I suspect that the challenges you are encountering when trying to replicate published estimates stem from both how IPUMS constructs the MET* variables as well as changes introduced in geography in the 2022 ACS. I’ll explain how we construct these variables, describe the change in 2022, and suggest some alternative approaches.
Due to respondent confidentiality protections, the ACS Public Use Microdata Sample (PUMS) data does not identify the metropolitan area of residence for respondent households. Instead, the Public Use Microdata Area (PUMA) of residence is reported. This is not the case with the ACS summary data tables, which report geographically aggregated statistics for many different divisions (including MSAs). IPUMS research staff create variables that identify MSAs where possible (MET2013, MET2023) in the PUMS data by comparing PUMA and MSA boundaries. However, the overlap between these boundaries is often imperfect. As detailed in the description tab for MET2013:
MET2013 cannot identify the exact set of households residing in every metro area.
The protocol used by MET2013 is to identify the metro area in which the majority of each PUMA’s population resided. If MET2013 identifies a metro area for a given household, it indicates that, for the PUMA where the household resided, a majority of the PUMA’s population resided in the identified metro area.

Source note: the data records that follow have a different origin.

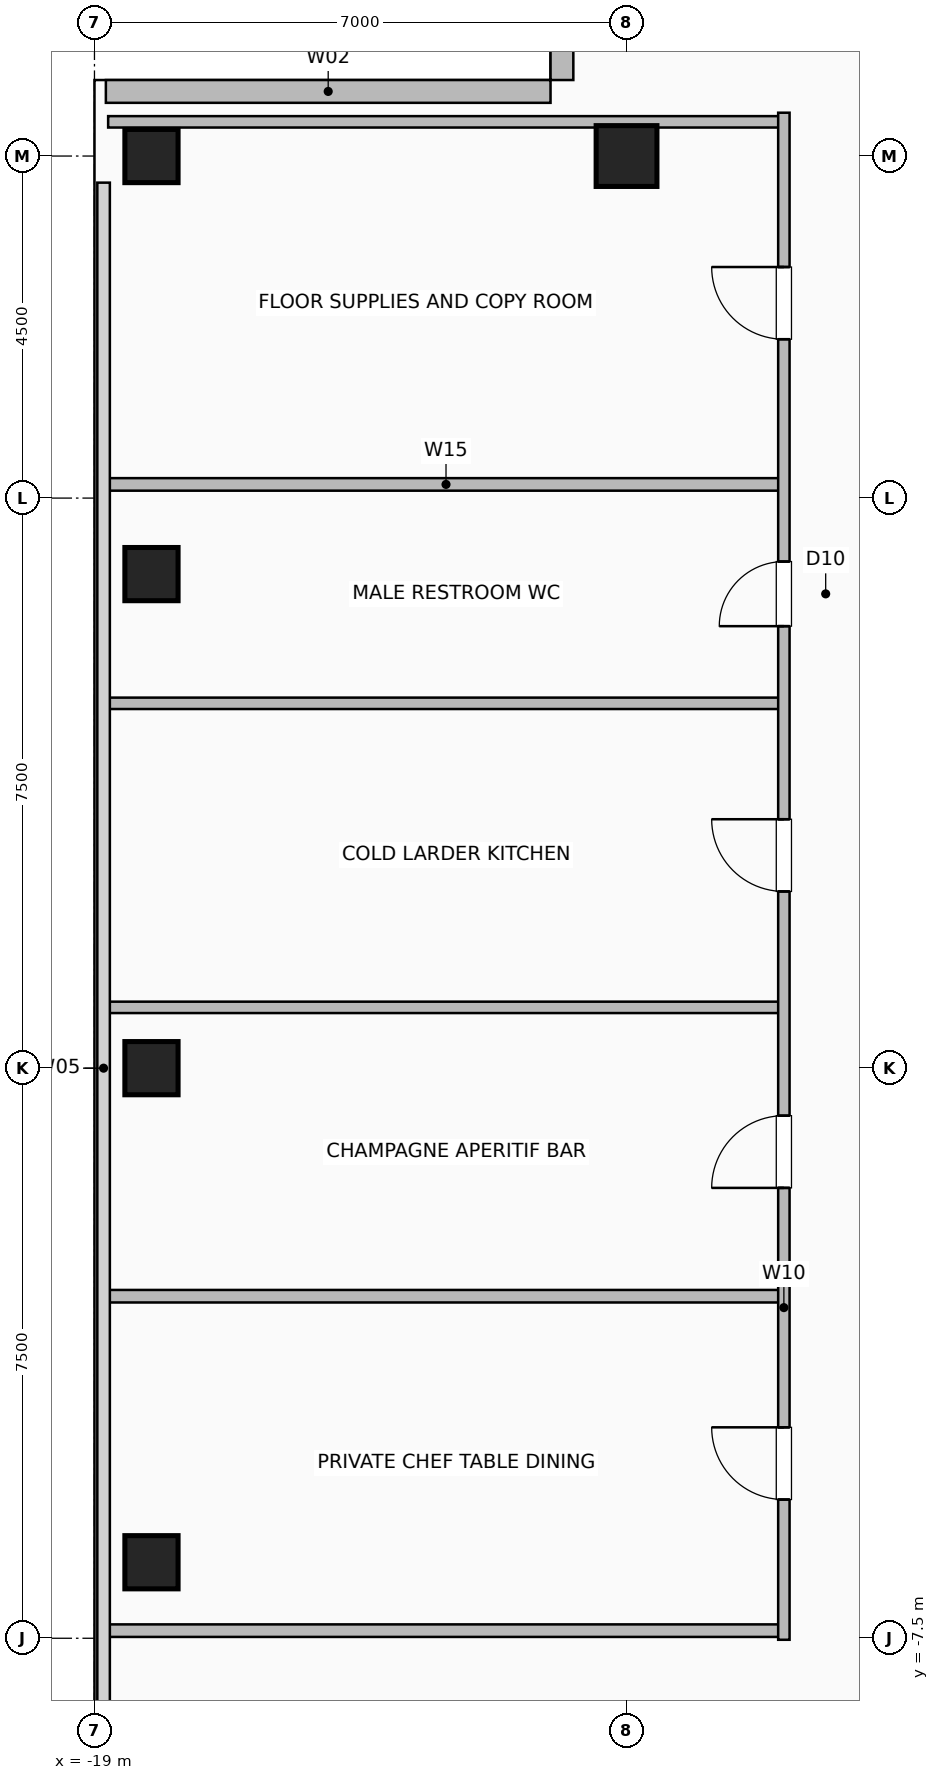
"""IFC4 building model, lengths in metres.
Left out: names, types, materials, properties, quantities, classifications, styles, units other than length and angle.
Written with IfcOpenShell. Run it as: python <this file> out.ifc"""

import sys

from ifc_helpers import new_model, si_unit, direction, frame, frame_2d, origin, origin_2d, place, context, subcontext, project, spatial, rectangle, hollow_rectangle, extrude, element, fill, save


model = new_model("IFC4")
c1 = context("Model", 3, precision=1e-05, world=origin(), true_north=direction((0.0, 1.0)))
c2 = subcontext(c1, "Body", "Model", "MODEL_VIEW")
j1 = project(units=[si_unit("LENGTHUNIT", "METRE"), si_unit("PLANEANGLEUNIT", "RADIAN")], contexts=[c1])
p1 = place(None, origin())
s1 = spatial("IfcSite", under=j1, at=p1, CompositionType="ELEMENT")
p2 = place(p1, origin())
s2 = spatial("IfcBuilding", under=s1, at=p2, CompositionType="ELEMENT")
p3 = place(p2, frame((0.0, 0.0, 297.2)))
s3 = spatial("IfcBuildingStorey", under=s2, at=p3, CompositionType="ELEMENT", Elevation=297.2)
for number, where, z_axis, x_axis in (
    (1, (-18.25, -6.5, 0.0), (0.0, 0.0, 1.0), (1.0, 0.0, 0.0)),
    (2, (-18.25, 0.0, 0.0), (0.0, 0.0, 1.0), (1.0, 0.0, 0.0)),
    (3, (-18.25, 6.5, 0.0), (0.0, 0.0, 1.0), (1.0, 0.0, 0.0)),
    (4, (-18.25, 12.0, 0.0), (0.0, 0.0, 1.0), (1.0, 0.0, 0.0)),
):
    element("IfcColumn", number, at=place(p3, frame(where, z_axis=z_axis, x_axis=x_axis)), inside=s3, PredefinedType="COLUMN", context=c2, shape_type="SweptSolid", body=[
        extrude(hollow_rectangle(XDim=0.7, YDim=0.7, WallThickness=0.035, at=origin_2d()), origin(), (0.0, 0.0, 1.0), 3.2),
    ])
p4 = place(p3, frame((-12.0, 12.0, 0.0), z_axis=(0.0, 0.0, 1.0), x_axis=(1.0, 0.0, 0.0)))
e5 = element("IfcColumn", 5, at=p4, inside=s3, PredefinedType="COLUMN", context=c2, shape_type="SweptSolid", body=[
    extrude(hollow_rectangle(XDim=0.8, YDim=0.8, WallThickness=0.04, at=origin_2d()), origin(), (0.0, 0.0, 1.0), 3.2),
])
p5 = place(p3, frame((-12.85, 18.85, 0.0), z_axis=(0.0, 0.0, 1.0), x_axis=(0.0, -1.0, 0.0)))
e6 = element("IfcWall", 6, at=p5, inside=s3, PredefinedType="SOLIDWALL", context=c2, shape_type="SweptSolid", body=[
    extrude(rectangle(XDim=5.85, YDim=0.3, at=frame_2d((2.925, 0.0))), origin(), (0.0, 0.0, 1.0), 3.2),
])
p6 = place(p5, frame((2.175, 0.0, 0.9)))
e7 = element("IfcOpeningElement", 7, at=p6, cuts=e6, PredefinedType="OPENING", context=c2, shape_type="SweptSolid", body=[
    extrude(rectangle(XDim=1.5, YDim=1.8, at=frame_2d((0.75, 0.9))), frame((0.0, 0.16, 0.0), z_axis=(0.0, -1.0, 0.0), x_axis=(1.0, 0.0, 0.0)), (0.0, 0.0, 1.0), 0.32),
])
p7 = place(p3, frame((-18.85, 12.85, 0.0), z_axis=(0.0, 0.0, 1.0), x_axis=(1.0, 0.0, 0.0)))
e8 = element("IfcWall", 8, at=p7, inside=s3, PredefinedType="SOLIDWALL", context=c2, shape_type="SweptSolid", body=[
    extrude(rectangle(XDim=5.85, YDim=0.3, at=frame_2d((2.925, 0.0))), origin(), (0.0, 0.0, 1.0), 3.2),
])
for number, where, z_axis, x_axis in (
    (9, (-18.82, 7.68, 0.0), (0.0, 0.0, 1.0), (1.0, 0.0, 0.0)),
    (10, (-18.82, -7.4, 0.0), (0.0, 0.0, 1.0), (1.0, 0.0, 0.0)),
):
    element("IfcWall", number, at=place(p3, frame(where, z_axis=z_axis, x_axis=x_axis)), inside=s3, PredefinedType="PLUMBINGWALL", context=c2, shape_type="SweptSolid", body=[
        extrude(rectangle(XDim=8.89, YDim=0.165, at=frame_2d((4.445, 0.0))), origin(), (0.0, 0.0, 1.0), 2.075),
    ])
p8 = place(p3, frame((-18.82, -3.0, 0.0), z_axis=(0.0, 0.0, 1.0), x_axis=(1.0, 0.0, 0.0)))
e11 = element("IfcWall", 11, at=p8, inside=s3, PredefinedType="PLUMBINGWALL", context=c2, shape_type="SweptSolid", body=[
    extrude(rectangle(XDim=8.89, YDim=0.165, at=frame_2d((4.445, 0.0))), origin(), (0.0, 0.0, 1.0), 3.2),
])
for number, where, z_axis, x_axis in (
    (12, (-18.82, 0.8, 0.0), (0.0, 0.0, 1.0), (1.0, 0.0, 0.0)),
    (13, (-18.82, 4.8, 0.0), (0.0, 0.0, 1.0), (1.0, 0.0, 0.0)),
    (14, (-18.82, 12.45, 0.0), (0.0, 0.0, 1.0), (1.0, 0.0, 0.0)),
):
    element("IfcWall", number, at=place(p3, frame(where, z_axis=z_axis, x_axis=x_axis)), inside=s3, PredefinedType="PARTITIONING", context=c2, shape_type="SweptSolid", body=[
        extrude(rectangle(XDim=8.89, YDim=0.15, at=frame_2d((4.445, 0.0))), origin(), (0.0, 0.0, 1.0), 3.2),
    ])
p9 = place(p3, frame((-9.93, -7.52, 0.0), z_axis=(0.0, 0.0, 1.0), x_axis=(0.0, 1.0, 0.0)))
e15 = element("IfcWall", 15, at=p9, inside=s3, PredefinedType="PARTITIONING", context=c2, shape_type="SweptSolid", body=[
    extrude(rectangle(XDim=20.09, YDim=0.15, at=frame_2d((10.045, 0.0))), origin(), (0.0, 0.0, 1.0), 3.2),
])
p10 = place(p9, frame((1.845, 0.0, 0.0)))
e16 = element("IfcOpeningElement", 16, at=p10, cuts=e15, PredefinedType="OPENING", context=c2, shape_type="SweptSolid", body=[
    extrude(rectangle(XDim=0.95, YDim=2.06, at=frame_2d((0.475, 1.03))), frame((0.0, 0.085, 0.0), z_axis=(0.0, -1.0, 0.0), x_axis=(1.0, 0.0, 0.0)), (0.0, 0.0, 1.0), 0.17),
])
p11 = place(p9, frame((5.945, 0.0, 0.0)))
e17 = element("IfcOpeningElement", 17, at=p11, cuts=e15, PredefinedType="OPENING", context=c2, shape_type="SweptSolid", body=[
    extrude(rectangle(XDim=0.95, YDim=2.06, at=frame_2d((0.475, 1.03))), frame((0.0, 0.085, 0.0), z_axis=(0.0, -1.0, 0.0), x_axis=(1.0, 0.0, 0.0)), (0.0, 0.0, 1.0), 0.17),
])
p12 = place(p9, frame((9.845, 0.0, 0.0)))
e18 = element("IfcOpeningElement", 18, at=p12, cuts=e15, PredefinedType="OPENING", context=c2, shape_type="SweptSolid", body=[
    extrude(rectangle(XDim=0.95, YDim=2.06, at=frame_2d((0.475, 1.03))), frame((0.0, 0.085, 0.0), z_axis=(0.0, -1.0, 0.0), x_axis=(1.0, 0.0, 0.0)), (0.0, 0.0, 1.0), 0.17),
])
p13 = place(p9, frame((13.335, 0.0, 0.0)))
e19 = element("IfcOpeningElement", 19, at=p13, cuts=e15, PredefinedType="OPENING", context=c2, shape_type="SweptSolid", body=[
    extrude(rectangle(XDim=0.85, YDim=2.05, at=frame_2d((0.425, 1.025))), frame((0.0, 0.085, 0.0), z_axis=(0.0, -1.0, 0.0), x_axis=(1.0, 0.0, 0.0)), (0.0, 0.0, 1.0), 0.17),
])
p14 = place(p9, frame((17.11, 0.0, 0.0)))
e20 = element("IfcOpeningElement", 20, at=p14, cuts=e15, PredefinedType="OPENING", context=c2, shape_type="SweptSolid", body=[
    extrude(rectangle(XDim=0.95, YDim=2.06, at=frame_2d((0.475, 1.03))), frame((0.0, 0.085, 0.0), z_axis=(0.0, -1.0, 0.0), x_axis=(1.0, 0.0, 0.0)), (0.0, 0.0, 1.0), 0.17),
])
p15 = place(p10, origin())
e21 = element("IfcDoor", 21, at=p15, inside=s3, OperationType="SINGLE_SWING_RIGHT", PredefinedType="DOOR", context=c2, shape_type="SweptSolid", body=[
    extrude(rectangle(XDim=0.95, YDim=2.06, at=frame_2d((0.475, 1.03))), frame((0.0, 0.025, 0.0), z_axis=(0.0, -1.0, 0.0), x_axis=(1.0, 0.0, 0.0)), (0.0, 0.0, 1.0), 0.05),
])
fill(e16, e21)
p16 = place(p11, origin())
e22 = element("IfcDoor", 22, at=p16, inside=s3, OperationType="SINGLE_SWING_LEFT", PredefinedType="DOOR", context=c2, shape_type="SweptSolid", body=[
    extrude(rectangle(XDim=0.95, YDim=2.06, at=frame_2d((0.475, 1.03))), frame((0.0, 0.025, 0.0), z_axis=(0.0, -1.0, 0.0), x_axis=(1.0, 0.0, 0.0)), (0.0, 0.0, 1.0), 0.05),
])
fill(e17, e22)
p17 = place(p12, origin())
e23 = element("IfcDoor", 23, at=p17, inside=s3, OperationType="SINGLE_SWING_RIGHT", PredefinedType="DOOR", context=c2, shape_type="SweptSolid", body=[
    extrude(rectangle(XDim=0.95, YDim=2.06, at=frame_2d((0.475, 1.03))), frame((0.0, 0.025, 0.0), z_axis=(0.0, -1.0, 0.0), x_axis=(1.0, 0.0, 0.0)), (0.0, 0.0, 1.0), 0.05),
])
fill(e18, e23)
p18 = place(p13, origin())
e24 = element("IfcDoor", 24, at=p18, inside=s3, OperationType="SINGLE_SWING_LEFT", PredefinedType="DOOR", context=c2, shape_type="SweptSolid", body=[
    extrude(rectangle(XDim=0.85, YDim=2.05, at=frame_2d((0.425, 1.025))), frame((0.0, 0.025, 0.0), z_axis=(0.0, -1.0, 0.0), x_axis=(1.0, 0.0, 0.0)), (0.0, 0.0, 1.0), 0.05),
])
fill(e19, e24)
p19 = place(p14, origin())
e25 = element("IfcDoor", 25, at=p19, inside=s3, OperationType="SINGLE_SWING_RIGHT", PredefinedType="DOOR", context=c2, shape_type="SweptSolid", body=[
    extrude(rectangle(XDim=0.95, YDim=2.06, at=frame_2d((0.475, 1.03))), frame((0.0, 0.025, 0.0), z_axis=(0.0, -1.0, 0.0), x_axis=(1.0, 0.0, 0.0)), (0.0, 0.0, 1.0), 0.05),
])
fill(e20, e25)
save(model, sys.argv[1])

Our assignment protocol yields both errors where residents of an MSA are excluded from the MSA (omission error) and where non-residents of an MSA are included (commission error). We document the incongruencies between PUMA boundaries and metro boundaries (e.g., see the MSA 2013 to PUMA 2010 crosswalk). As an example, below is a screenshot of the map of 2010-vintage PUMA boundaries (in black) matched over the Knoxville metro area (in tan):
As detailed in the MSA 2013 to PUMA 2010 crosswalk, seven of the eight PUMAs within the metro area have a majority of their population within the MSA (900, 1601, 1602, 1603, 1604, 1700, and 1800); therefore, these seven PUMAs are used to represent the Knoxville metro area in the 2012-2021 samples. PUMA 1400, having less than 50% of its population within the metro area, is excluded. The portion of Knoxville residents who reside in PUMA 1400 (2.7%) comprise the MSA’s omission error. The portions of PUMAs 900 and 1800 that are outside the MSA (11.5% of the total population) comprise the MSA’s commission error. Our threshold for summer match errors (e.g., omission + comission error) is 15%. Because the sum of these match errors totals 14.2%, we will identify Knoxville.
Beginning in 2022, the PUMAs in the ACS data were updated based on the 2020 decennial census. These boundaries may differ from the previous PUMAs and, therefore, may have different relationships to the MSA boundaries.
There are a couple of alternatives that you may consider in your analysis:
-
If you do not require individual-level microdata, then the ACS summary data tables on IPUMS NHGIS may be more helpful. Since individual-level information is not reported in the summary data, the same identification issues are not at play. Estimates for a particular MSA will reflect the contemporaneous MSA boundaries. Using the data finder tool, you can apply filters to search for the data tables that are of interest to you.
-
If you want to continue using the PUMS data from IPUMS USA, you can download the 2023 5-year ACS sample for your analysis. With this sample, the Census Bureau reports only the 2020 vintage PUMA boundaries for all survey years included in the file (i.e., while the 2019-2021 ACS was fielded using 2010 vintage PUMAs, the 2023 5-year file reports PUMAs using the 2020 vintage). This will retain the imperfect identification of the metro area, but will keep the PUMA:MSA relationships consistent across the five-year study period.